Santo André, 20 de agosto de 2042
No distante agosto de vinte e dois, nos primeiros dias do meu regresso ao Brasil, encontrei uma São Paulo enregelada. Enquanto tempestades assolavam o Sul, o paulistano tremia de frio e de… medo. Os noticiários eram reflexo do terror instalado no quotidiano:
“Cinco pessoas morriam a cada hora, em brigas de trânsito. Homem mata esposa e filho, incendeia a casa e esfaqueia-se para despistar as autoridades. Policial mata mãe, irmão, esposa e três filhos. Além dos parentes, matou outras duas pessoas a tiros na rua da cidade.”
Nesse distante agosto, o boato de um suposto ataque numa escola estadual mobilizava a Polícia Militar. Uma denúncia surgira nas redes sociais. No Instagram, um aluno vítima de bullying prometia vingar-se dos colegas:
“O bullying da escola vai acabar. Eu vou entrar e matar.”
Em nota, a secretaria da educação dizia ter “tomado providências”.
Escassa era a distância entre a violência nas ruas e a solidão nas escolas, entre as “providências” da administração escolar e as aulas de “educação para a cidadania”. Escassas eram as escolas cidadãs, mas algumas havia.
O moço já tinha feito cinco anos de “educação para a cidadania”, mas não sabia que ainda estava a começar a tirar o curso de “educação na cidadania”. A “lição” seguinte foi-lhe ministrada por um colega mais antigo na escola, quando contestou uma decisão dos professores:
“Eu não gostei nada de o professor ter feito as equipas. Ainda por cima deu barraca, só houve zaragata e não houve futebol mesmo nenhum.”
Ou quando a Marta, no calor de uma discussão, sem abdicar do exercício de cidadania, manifestou compreensão de que o estatuto de professor é o estatuto de professor e não se confunde com o estatuto de aluno:
“Ó professora, eu acho que já percebi. A senhora já aprendeu isto antes de mim, não foi?”
Não se pense que estas situações de “educação na cidadania” eram exclusivas de uma escola isolada. Havia muitas e excelentes práticas, como prova uma carta de um professor-poeta de nome Carlos, que me atrevo a citar:
“Tudo mudou. As crianças já propõem questões, lançam ideias. Acreditam que a opinião delas também vale. E encontraram objetivos: ajudar meninos com dificuldades, ajudar o professor a resolver os casos de mau comportamento e a preparar reuniões.

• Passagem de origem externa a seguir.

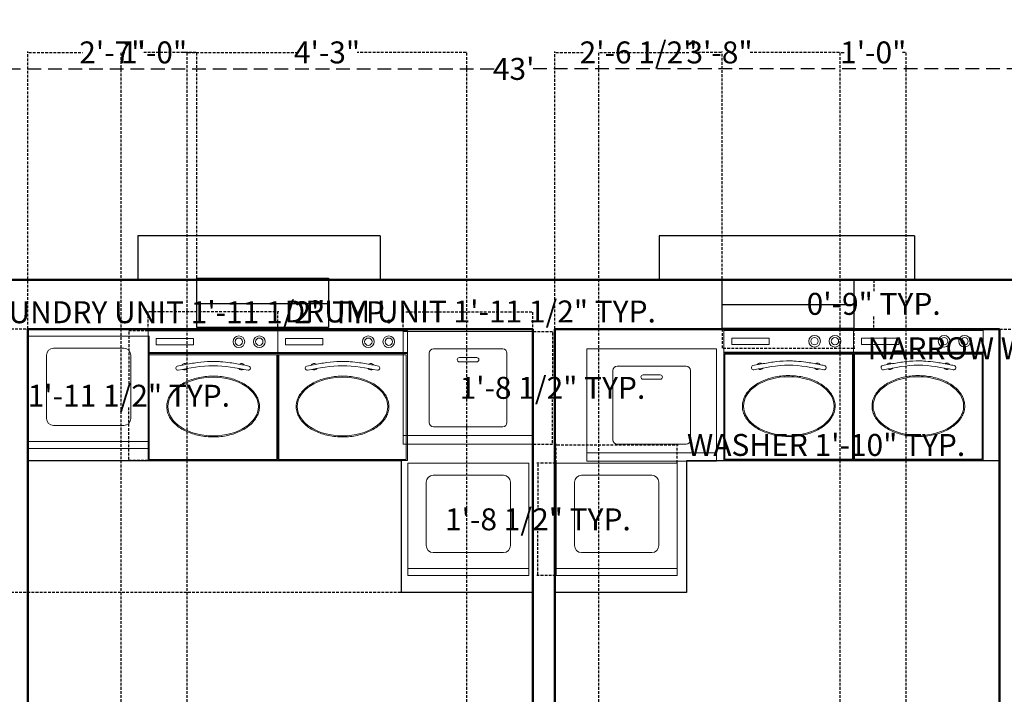
# Model space of a CAD drawing. Units: inches. Extents: x 513 to 1142, y 396 to 927.
# Tile 25 of 31: x 743 to 922, y 804 to 927. Entities that reach past the tile are written whole.
import ezdxf

# ---------------------------------------------------------------- set-up
doc = ezdxf.new("R2010")
doc.units = ezdxf.units.IN
doc.header["$MEASUREMENT"] = 0
doc.linetypes.add('DASHED', pattern=[0.75, 0.5, -0.25])
for name, color, linetype, lineweight in [('A-ANNO-DIMS', 2, 'DASHED', 18), ('A-EQPM', 92, 'Continuous', 18), ('A-FLOR-CASE', 7, 'Continuous', 25), ('A-WALL', 7, 'Continuous', 50), ('windows', 172, 'Continuous', 25)]:
    doc.layers.add(name, color=color, linetype=linetype, lineweight=lineweight)
doc.styles.get("Standard").update_dxf_attribs({"font": 'arial.ttf'})
doc.dimstyles.get("Standard").update_dxf_attribs({"dimtxt": 4, "dimasz": 0.18, "dimexe": 0.18, "dimexo": 0.0625, "dimgap": 0.09, "dimtad": 0, "dimtih": 1, "dimtoh": 1, "dimdec": 0, "dimrnd": 6, "dimzin": 0, "dimdsep": 46, "dimlunit": 3, "dimtxsty": 'Standard', "dimcen": 0.09, "dimadec": 0, "dimazin": 0, "dimtfac": 1, "dimtdec": 0, "dimtofl": 0, "dimtmove": 0, "dimatfit": 3, "dimfxl": 1, "dimtolj": 1, "dimtzin": 0, "dimarcsym": 0})

# ---------------------------------------------------------------- blocks, each defined once
blk = doc.blocks.new('A$C7E884C79')
for p, q in [((0, 0), (0, 600)), ((0, 600), (0, 0)), ((0, 600), (600, 600)), ((600, 600), (600, 0)), ((600, 0), (600, 600)), ((600, 600), (600, 450)), ((600, 600), (600, 500)), ((600, 500), (0, 500)), ((600, 495), (0, 495)), ((600, 500), (600, 0)), ((0, 0), (600, 0))]:
    blk.add_line(p, q)
for points in [[(36.4, 564.7), (208.9, 564.7), (208.9, 535.3), (36.4, 535.3)], [(5, 490), (595, 490), (595, 5), (5, 5)]]:
    blk.add_lwpolyline(points, close=True)
for centre, radius in [((419.3, 550), 27), ((419.3, 550), 17), ((513.9, 550), 27), ((513.9, 550), 17)]:
    blk.add_circle(centre, radius)
for centre, radius, start, end in [((137.2, 428), 10, 107.9829, 276.9581), ((168.5, 434.2), 15, 50.7888, 150.367), ((168.5, 434.2), 15, 234.0165, 327.1412), ((431.5, 434.2), 15, 212.8588, 305.9835), ((431.5, 434.2), 15, 29.633, 129.2112), ((462.8, 428), 10, 263.0419, 72.0171)]:
    blk.add_arc(centre, radius, start, end)
blk.add_ellipse((300, 250), major_axis=(-209.5, 0), ratio=0.648352)
for points, knots in [([(134.1, 437.5), (144.6, 439.5), (155.1, 441.6), (186, 447.3), (206.5, 450.9), (247.9, 456.4), (268.7, 458.3), (293.5, 458.9), (297.3, 458.9), (304.8, 458.9), (308.5, 458.8), (319.7, 458.5), (327.1, 458.1), (349.4, 456.5), (364.1, 454.9), (399.8, 449.9), (420.6, 446.2), (449.5, 440.7), (457.7, 439.1), (465.9, 437.5)], [0, 0, 0, 0, 31.638865, 31.638865, 92.600143, 92.600143, 153.561421, 153.561421, 164.367647, 164.367647, 175.173874, 175.173874, 196.786327, 196.786327, 240.011233, 240.011233, 302.099201, 302.099201, 326.773065, 326.773065, 326.773065, 326.773065]), ([(85.5, 250), (85.5, 244.8), (85.9, 239.6), (88, 226.9), (90.2, 219.4), (96.4, 204.8), (100.4, 197.7), (109.9, 184.1), (115.6, 177.5), (128.3, 165.1), (135.4, 159.2), (150.9, 148.3), (159.3, 143.3), (177.1, 134.2), (186.6, 130.1), (206.5, 123), (216.8, 119.9), (238.1, 114.9), (249, 113), (271.2, 110.2), (282.5, 109.4), (305, 109), (316.4, 109.4), (338.8, 111.3), (349.8, 112.8), (371.5, 117), (382.1, 119.6), (402.5, 126), (412.3, 129.7), (431, 138.1), (439.8, 142.8), (456.2, 153), (463.8, 158.6), (477.6, 170.5), (483.8, 176.8), (494.6, 190.1), (499.2, 197), (506.7, 211.3), (509.5, 218.7), (513.4, 233.6), (514.4, 241.3), (514.6, 256.5), (513.8, 264.1), (510.2, 279.1), (507.6, 286.6), (500.4, 300.9), (496, 307.9), (485.5, 321.3), (479.5, 327.7), (466, 339.7), (458.5, 345.3), (442.4, 355.8), (433.6, 360.5), (415.2, 369.1), (405.5, 373), (385.2, 379.5), (374.7, 382.3), (353.1, 386.7), (342, 388.3), (319.7, 390.5), (308.4, 390.9), (285.8, 390.7), (274.5, 390.1), (252.3, 387.5), (241.3, 385.7), (219.9, 380.9), (209.5, 378), (189.5, 371), (179.9, 367.1), (161.8, 358.1), (153.3, 353.2), (137.6, 342.5), (130.3, 336.7), (117.3, 324.4), (111.6, 317.9), (101.6, 304.3), (97.5, 297.3), (91, 282.8), (88.6, 275.3), (86, 261.9), (85.5, 255.9), (85.5, 250)], [0, 0, 0, 0, 0.108301, 0.108301, 0.267534, 0.267534, 0.426768, 0.426768, 0.586002, 0.586002, 0.745235, 0.745235, 0.904469, 0.904469, 1.063703, 1.063703, 1.222936, 1.222936, 1.38217, 1.38217, 1.541404, 1.541404, 1.700637, 1.700637, 1.859871, 1.859871, 2.019105, 2.019105, 2.178339, 2.178339, 2.337572, 2.337572, 2.496806, 2.496806, 2.65604, 2.65604, 2.815273, 2.815273, 2.974507, 2.974507, 3.133741, 3.133741, 3.292974, 3.292974, 3.452208, 3.452208, 3.611442, 3.611442, 3.770676, 3.770676, 3.929909, 3.929909, 4.089143, 4.089143, 4.248377, 4.248377, 4.40761, 4.40761, 4.566844, 4.566844, 4.726078, 4.726078, 4.885311, 4.885311, 5.044545, 5.044545, 5.203779, 5.203779, 5.363012, 5.363012, 5.522246, 5.522246, 5.68148, 5.68148, 5.840714, 5.840714, 5.999947, 5.999947, 6.159181, 6.159181, 6.283185, 6.283185, 6.283185, 6.283185])]:
    blk.add_open_spline(points, degree=3, knots=knots)
blk.add_open_spline([(138, 417.8), (192, 428.4), (300, 449.4), (408, 428.4), (462, 417.8)], degree=3)
blk = doc.blocks.new('LAVAD-01')
for p, q in [((-0.3221, 0.3585), (-0.3221, -0.3915)), ((0.3279, 0.3585), (-0.3221, 0.3585)), ((-0.2721, 0.3585), (-0.2721, -0.3915)), ((0.3279, -0.3915), (0.3279, 0.3585)), ((-0.2221, 0.1835), (-0.2221, -0.2165)), ((0.2029, 0.2085), (-0.1971, 0.2085)), ((0.2279, -0.2165), (0.2279, 0.1835)), ((0.1529, 0.0335), (0.1529, -0.0665)), ((0.1654, 0.046), (0.1654, 0.046)), ((0.1779, -0.0665), (0.1779, 0.0335)), ((0.1654, -0.079), (0.1654, -0.079)), ((-0.1971, -0.2415), (0.2029, -0.2415)), ((-0.3221, -0.3915), (0.3279, -0.3915))]:
    blk.add_line(p, q)
for centre, radius, start, end in [((-0.1971, 0.1835), 0.025, 90, 180), ((0.2029, 0.1835), 0.025, 0, 90), ((0.1654, 0.0335), 0.0125, 90, 180), ((0.1654, 0.0335), 0.0125, 0, 90), ((0.1654, -0.0665), 0.0125, 180, 270), ((0.1654, -0.0665), 0.0125, 270, 360), ((-0.1971, -0.2165), 0.025, 180, 270), ((0.2029, -0.2165), 0.025, 270, 360)]:
    blk.add_arc(centre, radius, start, end)
blk = doc.blocks.new('LAVADORA')
for p, q in [((-0.35, 0.65), (-0.35, 0)), ((-0.35, 0.65), (0.35, 0.65)), ((0.35, 0.65), (0.35, 0)), ((-0.2031, 0.5795), (0.2031, 0.5795)), ((-0.2437, 0.5389), (-0.2437, 0.1732)), ((0.2437, 0.5389), (0.2437, 0.1732)), ((-0.2031, 0.1326), (0.2031, 0.1326)), ((-0.35, 0.0406), (0.35, 0.0406)), ((-0.35, 0), (0.35, 0))]:
    blk.add_line(p, q)
for centre, start, end in [((-0.2031, 0.5389), 90, 180), ((0.2031, 0.5389), 0, 90), ((-0.2031, 0.1732), 180, 270), ((0.2031, 0.1732), 270, 0)]:
    blk.add_arc(centre, 0.0406, start, end)
blk = doc.blocks.new('*D103')
at = {"layer": 'A-ANNO-DIMS', "color": 0, "lineweight": -2, "ltscale": 5, "transparency": 16777216}
for p, q in [((575, 879.22), (575, 917.74)), ((575.18, 917.56), (828.93, 917.56)), ((1089.82, 917.56), (836.06, 917.56)), ((1090, 879.22), (1090, 917.74))]:
    blk.add_line(p, q, dxfattribs=at)
at = {"layer": 'A-ANNO-DIMS', "color": 0, "ltscale": 5, "transparency": 16777216}
for points in [[(575.18, 917.59), (575.18, 917.53), (575, 917.56)], [(1089.82, 917.59), (1089.82, 917.53), (1090, 917.56)]]:
    blk.add_solid(points, dxfattribs=at)
at = {"layer": 'Defpoints', "color": 0, "ltscale": 5, "transparency": 16777216}
for p in [(1090, 917.56), (575, 879.16), (1090, 879.16)]:
    blk.add_point(p, dxfattribs=at)
at = {"layer": 'A-ANNO-DIMS', "color": 0, "ltscale": 5, "transparency": 16777216, "insert": (832.5, 917.56), "char_height": 4, "attachment_point": 5}
blk.add_mtext("\\A1;43'", dxfattribs=at)
blk = doc.blocks.new('WIN-24IN')
blk.add_line((0, 4.39), (24, 4.39))
blk.add_lwpolyline([(24, 0), (0, 0), (0, 9), (24, 9)], close=True)
blk = doc.blocks.new('*D111')
at = {"layer": 'A-ANNO-DIMS', "color": 0, "lineweight": -2, "transparency": 16777216}
for p, q in [((765.94, 869.89), (765.94, 873.55)), ((789.56, 869.89), (789.56, 873.55)), ((766.12, 873.37), (789.38, 873.37)), ((789.56, 873.37), (789.74, 873.37))]:
    blk.add_line(p, q, dxfattribs=at)
at = {"layer": 'A-ANNO-DIMS', "color": 0, "transparency": 16777216}
for points in [[(766.12, 873.4), (766.12, 873.34), (765.94, 873.37)], [(789.38, 873.4), (789.38, 873.34), (789.56, 873.37)]]:
    blk.add_solid(points, dxfattribs=at)
at = {"layer": 'Defpoints', "color": 0, "transparency": 16777216}
for p in [(789.56, 873.37), (765.94, 869.83), (789.56, 869.83)]:
    blk.add_point(p, dxfattribs=at)
at = {"layer": 'A-ANNO-DIMS', "color": 0, "transparency": 16777216, "insert": (824.59, 873.37), "char_height": 4, "attachment_point": 5}
blk.add_mtext('\\A1;DRUM UNIT 1\'-11 1/2" TYP.', dxfattribs=at)
blk = doc.blocks.new('*D112')
at = {"layer": 'A-ANNO-DIMS', "color": 0, "lineweight": -2, "transparency": 16777216}
for p, q in [((765.88, 869.83), (762.22, 869.83)), ((762.4, 869.65), (762.4, 860.18)), ((762.4, 846.39), (762.4, 855.86)), ((765.88, 846.21), (762.22, 846.21))]:
    blk.add_line(p, q, dxfattribs=at)
at = {"layer": 'A-ANNO-DIMS', "color": 0, "transparency": 16777216}
for points in [[(762.37, 869.65), (762.43, 869.65), (762.4, 869.83)], [(762.37, 846.39), (762.43, 846.39), (762.4, 846.21)]]:
    blk.add_solid(points, dxfattribs=at)
at = {"layer": 'Defpoints', "color": 0, "transparency": 16777216}
for p in [(762.4, 869.83), (765.94, 869.83), (765.94, 846.21)]:
    blk.add_point(p, dxfattribs=at)
at = {"layer": 'A-ANNO-DIMS', "color": 0, "transparency": 16777216, "insert": (762.4, 858.02), "char_height": 4, "attachment_point": 5}
blk.add_mtext('\\A1;1\'-11 1/2" TYP.', dxfattribs=at)
blk = doc.blocks.new('*D113')
at = {"layer": 'A-ANNO-DIMS', "color": 0, "lineweight": -2, "transparency": 16777216}
for p, q in [((840.22, 845.81), (840.22, 849.24)), ((840.4, 849.06), (862.09, 849.06)), ((862.27, 845.81), (862.27, 849.24)), ((862.27, 849.06), (862.45, 849.06))]:
    blk.add_line(p, q, dxfattribs=at)
at = {"layer": 'A-ANNO-DIMS', "color": 0, "transparency": 16777216}
for points in [[(840.4, 849.09), (840.4, 849.03), (840.22, 849.06)], [(862.09, 849.09), (862.09, 849.03), (862.27, 849.06)]]:
    blk.add_solid(points, dxfattribs=at)
at = {"layer": 'Defpoints', "color": 0, "transparency": 16777216}
for p in [(862.27, 849.06), (840.22, 845.75), (862.27, 845.75)]:
    blk.add_point(p, dxfattribs=at)
at = {"layer": 'A-ANNO-DIMS', "color": 0, "transparency": 16777216, "insert": (889.41, 849.06), "char_height": 4, "attachment_point": 5}
blk.add_mtext('\\A1;WASHER 1\'-10" TYP.', dxfattribs=at)
blk = doc.blocks.new('*D114')
at = {"layer": 'A-ANNO-DIMS', "color": 0, "lineweight": -2, "transparency": 16777216}
for p, q in [((840.16, 845.75), (836.74, 845.75)), ((836.92, 845.57), (836.92, 837.67)), ((836.92, 825.46), (836.92, 833.35)), ((840.16, 825.28), (836.74, 825.28))]:
    blk.add_line(p, q, dxfattribs=at)
at = {"layer": 'A-ANNO-DIMS', "color": 0, "transparency": 16777216}
for points in [[(836.89, 845.57), (836.95, 845.57), (836.92, 845.75)], [(836.89, 825.46), (836.95, 825.46), (836.92, 825.28)]]:
    blk.add_solid(points, dxfattribs=at)
at = {"layer": 'Defpoints', "color": 0, "transparency": 16777216}
for p in [(836.92, 845.75), (840.22, 845.75), (840.22, 825.28)]:
    blk.add_point(p, dxfattribs=at)
at = {"layer": 'A-ANNO-DIMS', "color": 0, "transparency": 16777216, "insert": (836.92, 835.51), "char_height": 4, "attachment_point": 5}
blk.add_mtext('\\A1;1\'-8 1/2" TYP.', dxfattribs=at)
blk = doc.blocks.new('*D115')
at = {"layer": 'A-ANNO-DIMS', "color": 0, "lineweight": -2, "transparency": 16777216}
for p, q in [((812.39, 873.24), (812.21, 873.24)), ((812.39, 869.76), (812.39, 873.42)), ((835.83, 873.24), (812.57, 873.24)), ((836.01, 869.76), (836.01, 873.42))]:
    blk.add_line(p, q, dxfattribs=at)
at = {"layer": 'A-ANNO-DIMS', "color": 0, "transparency": 16777216}
for points in [[(812.57, 873.27), (812.57, 873.21), (812.39, 873.24)], [(835.83, 873.27), (835.83, 873.21), (836.01, 873.24)]]:
    blk.add_solid(points, dxfattribs=at)
at = {"layer": 'Defpoints', "color": 0, "transparency": 16777216}
for p in [(812.39, 873.24), (812.39, 869.7), (836.01, 869.7)]:
    blk.add_point(p, dxfattribs=at)
at = {"layer": 'A-ANNO-DIMS', "color": 0, "transparency": 16777216, "insert": (772.38, 873.24), "char_height": 4, "attachment_point": 5}
blk.add_mtext('\\A1;LAUNDRY UNIT 1\'-11 1/2" TYP.', dxfattribs=at)
blk = doc.blocks.new('*D116')
at = {"layer": 'A-ANNO-DIMS', "color": 0, "lineweight": -2, "transparency": 16777216}
for p, q in [((836.08, 869.7), (839.74, 869.7)), ((839.56, 869.52), (839.56, 861.62)), ((839.56, 849.41), (839.56, 857.31)), ((836.08, 849.23), (839.74, 849.23))]:
    blk.add_line(p, q, dxfattribs=at)
at = {"layer": 'A-ANNO-DIMS', "color": 0, "transparency": 16777216}
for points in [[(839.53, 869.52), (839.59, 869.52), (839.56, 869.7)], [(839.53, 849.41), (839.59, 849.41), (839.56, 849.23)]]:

Agora, a escola é ainda mais deles. Estes momentos têm-me feito refletir muito sobre o percurso que trilhámos até aqui. Pensar em como a Assembleia, no início, era uma coisa enfadonha. Como alguns se fartavam de abrir a boca! Insisti, por saber que estava no rumo certo. Aos poucos, deixei de ser eu a dirigir as reuniões. Comecei a sentar-me, discretamente, a um canto.
Inicialmente, ia metendo a minha colherada, para que a reunião não descambasse em confusão. Cada vez menos o faço. Hoje, participo como qualquer um dos outros. Os outros são as crianças. Para muitos professores, é difícil conceber que há outros para além de si mesmos.”
Sampa do agosto de vinte dois me desgostava. Noites de ruas desertas, o perigo em cada esquina. Rumei a outros lugares. No brincar com o Manuel, criança bailarina, recuperei energia, para continuar viagem. Na expectativa da chegada do Miguel, o pai Cristiano, calorosamente, me acolheu no seu lar. Calorosamente, porque, para além do calor humano, em sentido literal me obrigou a vestir roupa de inverno, protegendo este velhinho do frio da noite do ABC.
Nos saborosos dias passados em Santo André, encontrei alívio das tensões. Em lenitivas conversas com o Paulo refiz a confiança na humanidade. Desse ser humano extraordinário vos falarei mais adiante.